# Leaking toilet



## kypeake (May 22, 2008)

I have a toilet that I think is leaking around the wax ring but I'm not for sure. Before I pull the toilet I wanted to get some opinions.  Here is the situation:

Wife one night goes to clean the bathroom and freaks because she sees water around the toilet on the floor. The rest of the toilet appears completely dry. I had read where you might just be able to tighten the bolts that connect the toilet to the floor so I do that. We use the toilet for approx. 1.5 weeks without any trouble so I think its fixed. Then all of the sudden that water appears again around the base of the toilet. I can clean the water up and flush the toilet 10 times and not see any water. Could it just be a REALLY slow leak around the wax ring or what else should I look for? The toilet does not rock back and forth any and I don't see any sort of crack what so ever.  I will say that the flapper does leak some and I just haven't gotten around to fixing it yet.
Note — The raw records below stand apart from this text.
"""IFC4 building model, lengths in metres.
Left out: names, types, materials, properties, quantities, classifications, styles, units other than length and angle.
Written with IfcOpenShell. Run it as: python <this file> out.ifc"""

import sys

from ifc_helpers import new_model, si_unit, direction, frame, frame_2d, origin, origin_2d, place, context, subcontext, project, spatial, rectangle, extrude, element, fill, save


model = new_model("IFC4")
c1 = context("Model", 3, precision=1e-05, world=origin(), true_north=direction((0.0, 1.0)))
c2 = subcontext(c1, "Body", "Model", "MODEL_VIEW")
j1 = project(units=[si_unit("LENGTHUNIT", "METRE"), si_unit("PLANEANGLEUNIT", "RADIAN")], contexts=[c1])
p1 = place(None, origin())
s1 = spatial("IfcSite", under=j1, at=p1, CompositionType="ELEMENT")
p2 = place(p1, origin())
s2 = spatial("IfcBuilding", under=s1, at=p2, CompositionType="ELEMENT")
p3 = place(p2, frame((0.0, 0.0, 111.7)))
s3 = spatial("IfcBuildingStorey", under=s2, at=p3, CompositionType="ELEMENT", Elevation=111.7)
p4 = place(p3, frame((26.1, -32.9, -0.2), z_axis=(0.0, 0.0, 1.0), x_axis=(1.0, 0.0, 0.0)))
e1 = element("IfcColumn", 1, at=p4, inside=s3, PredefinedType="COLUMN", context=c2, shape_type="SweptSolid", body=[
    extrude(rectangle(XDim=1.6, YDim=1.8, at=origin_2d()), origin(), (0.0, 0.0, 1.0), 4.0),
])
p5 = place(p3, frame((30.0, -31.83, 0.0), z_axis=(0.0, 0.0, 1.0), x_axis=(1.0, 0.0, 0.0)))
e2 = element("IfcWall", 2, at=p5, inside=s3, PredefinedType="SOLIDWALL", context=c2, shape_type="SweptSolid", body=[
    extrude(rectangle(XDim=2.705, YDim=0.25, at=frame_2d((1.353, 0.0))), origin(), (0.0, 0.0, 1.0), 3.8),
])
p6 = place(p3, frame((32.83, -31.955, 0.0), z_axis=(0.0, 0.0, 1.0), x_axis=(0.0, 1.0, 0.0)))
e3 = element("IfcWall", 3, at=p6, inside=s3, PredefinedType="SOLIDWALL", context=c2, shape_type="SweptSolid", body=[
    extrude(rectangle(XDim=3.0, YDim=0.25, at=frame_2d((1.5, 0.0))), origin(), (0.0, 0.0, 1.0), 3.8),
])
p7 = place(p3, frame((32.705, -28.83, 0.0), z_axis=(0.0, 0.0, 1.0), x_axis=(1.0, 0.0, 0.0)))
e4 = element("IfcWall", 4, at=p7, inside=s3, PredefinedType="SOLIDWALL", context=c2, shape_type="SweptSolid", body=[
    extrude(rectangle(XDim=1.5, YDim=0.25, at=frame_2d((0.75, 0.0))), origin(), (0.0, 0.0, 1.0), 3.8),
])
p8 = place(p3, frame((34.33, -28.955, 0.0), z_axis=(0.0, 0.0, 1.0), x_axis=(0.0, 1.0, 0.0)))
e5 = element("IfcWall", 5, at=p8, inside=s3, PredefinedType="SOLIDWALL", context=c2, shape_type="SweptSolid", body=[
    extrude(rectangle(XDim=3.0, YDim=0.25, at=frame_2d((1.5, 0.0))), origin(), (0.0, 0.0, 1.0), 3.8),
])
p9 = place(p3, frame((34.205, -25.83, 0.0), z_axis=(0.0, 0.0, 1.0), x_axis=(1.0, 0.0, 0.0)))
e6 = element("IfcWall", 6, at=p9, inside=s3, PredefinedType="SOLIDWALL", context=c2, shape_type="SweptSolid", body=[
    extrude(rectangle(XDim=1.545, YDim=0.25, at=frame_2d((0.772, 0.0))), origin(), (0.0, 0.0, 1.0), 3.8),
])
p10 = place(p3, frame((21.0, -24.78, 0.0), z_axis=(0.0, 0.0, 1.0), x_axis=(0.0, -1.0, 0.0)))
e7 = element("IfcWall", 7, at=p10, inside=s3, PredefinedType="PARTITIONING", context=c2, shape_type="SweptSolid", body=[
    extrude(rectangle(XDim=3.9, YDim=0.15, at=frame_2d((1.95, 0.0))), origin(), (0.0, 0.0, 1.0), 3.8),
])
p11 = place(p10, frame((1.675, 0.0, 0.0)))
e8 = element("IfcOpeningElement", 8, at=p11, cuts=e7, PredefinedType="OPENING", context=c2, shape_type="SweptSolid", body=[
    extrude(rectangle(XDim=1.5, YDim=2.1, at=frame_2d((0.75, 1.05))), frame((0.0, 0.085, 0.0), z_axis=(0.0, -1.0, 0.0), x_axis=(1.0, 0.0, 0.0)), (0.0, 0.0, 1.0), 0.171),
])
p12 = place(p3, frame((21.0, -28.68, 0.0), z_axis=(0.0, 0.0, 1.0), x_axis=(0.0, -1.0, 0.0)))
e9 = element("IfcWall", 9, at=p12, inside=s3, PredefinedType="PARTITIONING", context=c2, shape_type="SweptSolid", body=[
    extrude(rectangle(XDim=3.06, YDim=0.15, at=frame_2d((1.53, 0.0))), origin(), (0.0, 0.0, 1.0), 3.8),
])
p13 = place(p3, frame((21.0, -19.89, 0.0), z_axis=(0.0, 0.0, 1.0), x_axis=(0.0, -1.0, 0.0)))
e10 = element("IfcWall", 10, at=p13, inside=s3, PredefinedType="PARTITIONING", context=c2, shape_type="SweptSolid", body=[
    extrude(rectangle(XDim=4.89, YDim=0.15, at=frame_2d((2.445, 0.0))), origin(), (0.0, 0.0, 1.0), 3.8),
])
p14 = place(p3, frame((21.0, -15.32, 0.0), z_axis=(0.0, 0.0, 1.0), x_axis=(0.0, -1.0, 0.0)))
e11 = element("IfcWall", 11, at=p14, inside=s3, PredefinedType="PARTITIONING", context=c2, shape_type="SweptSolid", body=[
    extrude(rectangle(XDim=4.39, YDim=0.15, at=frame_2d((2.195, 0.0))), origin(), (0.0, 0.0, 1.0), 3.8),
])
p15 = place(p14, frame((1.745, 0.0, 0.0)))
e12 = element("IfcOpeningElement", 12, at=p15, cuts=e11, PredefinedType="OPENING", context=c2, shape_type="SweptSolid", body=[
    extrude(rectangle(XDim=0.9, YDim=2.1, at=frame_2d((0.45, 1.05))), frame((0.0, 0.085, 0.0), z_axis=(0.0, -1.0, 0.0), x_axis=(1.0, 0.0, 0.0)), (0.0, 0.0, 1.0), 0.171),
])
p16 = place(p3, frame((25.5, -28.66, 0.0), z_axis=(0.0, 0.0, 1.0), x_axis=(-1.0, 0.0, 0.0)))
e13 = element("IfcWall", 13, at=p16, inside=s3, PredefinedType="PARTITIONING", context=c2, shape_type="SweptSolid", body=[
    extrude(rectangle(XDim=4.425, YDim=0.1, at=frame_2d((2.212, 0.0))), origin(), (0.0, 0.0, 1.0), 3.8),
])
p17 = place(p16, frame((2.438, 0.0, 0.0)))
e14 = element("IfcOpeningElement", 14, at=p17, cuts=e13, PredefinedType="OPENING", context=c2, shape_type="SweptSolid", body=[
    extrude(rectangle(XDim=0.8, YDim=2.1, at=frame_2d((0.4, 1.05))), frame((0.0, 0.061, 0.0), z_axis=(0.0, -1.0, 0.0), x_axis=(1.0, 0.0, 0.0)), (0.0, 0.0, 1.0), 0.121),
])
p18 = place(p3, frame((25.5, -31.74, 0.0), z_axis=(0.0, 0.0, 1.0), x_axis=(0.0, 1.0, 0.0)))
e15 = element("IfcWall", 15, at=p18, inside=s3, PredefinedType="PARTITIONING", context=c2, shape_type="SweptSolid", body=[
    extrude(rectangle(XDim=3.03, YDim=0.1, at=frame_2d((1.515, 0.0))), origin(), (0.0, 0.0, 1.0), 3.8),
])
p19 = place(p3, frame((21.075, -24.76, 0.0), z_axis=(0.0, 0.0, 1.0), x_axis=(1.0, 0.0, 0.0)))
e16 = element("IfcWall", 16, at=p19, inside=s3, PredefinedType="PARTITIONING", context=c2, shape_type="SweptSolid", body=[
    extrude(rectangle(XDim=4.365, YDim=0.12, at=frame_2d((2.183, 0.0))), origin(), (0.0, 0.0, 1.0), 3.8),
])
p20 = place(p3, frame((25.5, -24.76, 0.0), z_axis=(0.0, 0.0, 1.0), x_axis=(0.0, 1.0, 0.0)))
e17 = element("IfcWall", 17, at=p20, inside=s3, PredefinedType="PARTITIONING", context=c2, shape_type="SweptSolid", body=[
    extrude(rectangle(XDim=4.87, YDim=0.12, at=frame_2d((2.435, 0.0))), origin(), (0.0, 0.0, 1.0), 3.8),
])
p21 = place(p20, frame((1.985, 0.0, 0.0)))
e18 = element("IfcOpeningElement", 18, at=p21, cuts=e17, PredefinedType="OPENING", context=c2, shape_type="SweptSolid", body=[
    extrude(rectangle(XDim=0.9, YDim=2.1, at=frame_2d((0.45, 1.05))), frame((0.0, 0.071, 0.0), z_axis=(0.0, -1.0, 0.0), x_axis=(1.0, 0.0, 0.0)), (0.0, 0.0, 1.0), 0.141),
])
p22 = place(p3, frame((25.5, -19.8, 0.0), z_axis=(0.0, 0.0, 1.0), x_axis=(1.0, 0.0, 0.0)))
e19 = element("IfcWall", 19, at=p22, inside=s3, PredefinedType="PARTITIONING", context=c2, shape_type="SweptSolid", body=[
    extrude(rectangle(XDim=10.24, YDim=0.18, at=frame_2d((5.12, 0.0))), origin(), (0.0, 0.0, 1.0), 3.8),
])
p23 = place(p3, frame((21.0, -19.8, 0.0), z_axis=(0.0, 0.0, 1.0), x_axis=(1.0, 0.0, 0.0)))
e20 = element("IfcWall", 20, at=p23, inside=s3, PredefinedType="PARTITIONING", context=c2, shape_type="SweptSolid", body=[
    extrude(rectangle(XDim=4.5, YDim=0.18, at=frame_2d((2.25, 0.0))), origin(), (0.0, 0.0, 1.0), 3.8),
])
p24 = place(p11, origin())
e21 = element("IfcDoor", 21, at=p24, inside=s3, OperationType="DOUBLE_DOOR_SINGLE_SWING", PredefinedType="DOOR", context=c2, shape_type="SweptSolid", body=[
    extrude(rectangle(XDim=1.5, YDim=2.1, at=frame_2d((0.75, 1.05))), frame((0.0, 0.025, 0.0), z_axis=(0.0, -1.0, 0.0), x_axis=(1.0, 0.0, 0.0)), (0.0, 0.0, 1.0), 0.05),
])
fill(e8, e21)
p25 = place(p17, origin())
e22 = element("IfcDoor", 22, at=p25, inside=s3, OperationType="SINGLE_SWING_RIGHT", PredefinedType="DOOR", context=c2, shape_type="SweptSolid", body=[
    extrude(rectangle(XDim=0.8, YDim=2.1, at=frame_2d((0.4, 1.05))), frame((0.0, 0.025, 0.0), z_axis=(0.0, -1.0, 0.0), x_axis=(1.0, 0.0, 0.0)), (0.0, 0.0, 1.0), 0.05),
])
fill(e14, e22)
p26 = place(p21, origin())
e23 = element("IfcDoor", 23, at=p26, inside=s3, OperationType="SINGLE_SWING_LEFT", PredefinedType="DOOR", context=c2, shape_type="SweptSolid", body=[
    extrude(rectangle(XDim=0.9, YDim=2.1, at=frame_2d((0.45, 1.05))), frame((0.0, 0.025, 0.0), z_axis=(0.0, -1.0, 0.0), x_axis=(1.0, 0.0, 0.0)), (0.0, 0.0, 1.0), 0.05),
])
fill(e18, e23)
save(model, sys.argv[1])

Pull the toilet and replace the seal and while I have it out just look at the other stuff?  Thanks for any help.


----------



## shan2themax (May 22, 2008)

In my opinion you should pull up the commode and put a new wax ring..... It is not a difficult task by any means and by not pulling up the commode you arent going to know what is going on underneath the commode.... you will need to check the flooring under the commode and make sure it isnt rotting from a slow leak!


----------



## glennjanie (May 22, 2008)

Welcome Jeff:
There is a sure test for the wax ring; Open the test-tee just outsid your house and drop a small smoke bomb in it. Use a small fan or vacum cleaner on exhaust to move the smoke into the house's drain, waste and vent system. Someone will need to be in the bathroom to see if the smoke leaks out and the bomb dropper will need to make sure smoke comes out the roof vent which means you have covered the system completely.
It is possible that your toilet tank is filling with cold water in a warm house causing condensation on the tank that drips off on the floor. I also recommend a foam bowl ring to replace the wax one because the foam will stay resilient if there is any movement of the bowl.
Shan's opinion about checking the floor condition has a lot of merit too.
Glenn


----------



## mstplumber (May 23, 2008)

Another test you can do is to get some Peppermint Oil at a health food store, get on the roof and pour it down the vent.   Have someone smell around the toilet for peppermint.   The oil, however, is going to cost lots more than the wax ring and Shan is right, better safe than sorry.   A subfloor replacement isn't fun.


----------



## majakdragon (May 25, 2008)

The wax seal replacement is only a few bucks and less than an hours work. While you have the toilet removed, look up into the discharge hole and around the base for cracks. Waiting, while the subfloor rots, is not a good idea and much costlier in the long run.


----------



## bazmanblue (Jun 20, 2008)

If Sewer odors are constantly noticed in the bath room then you definately need a new wax ring.


----------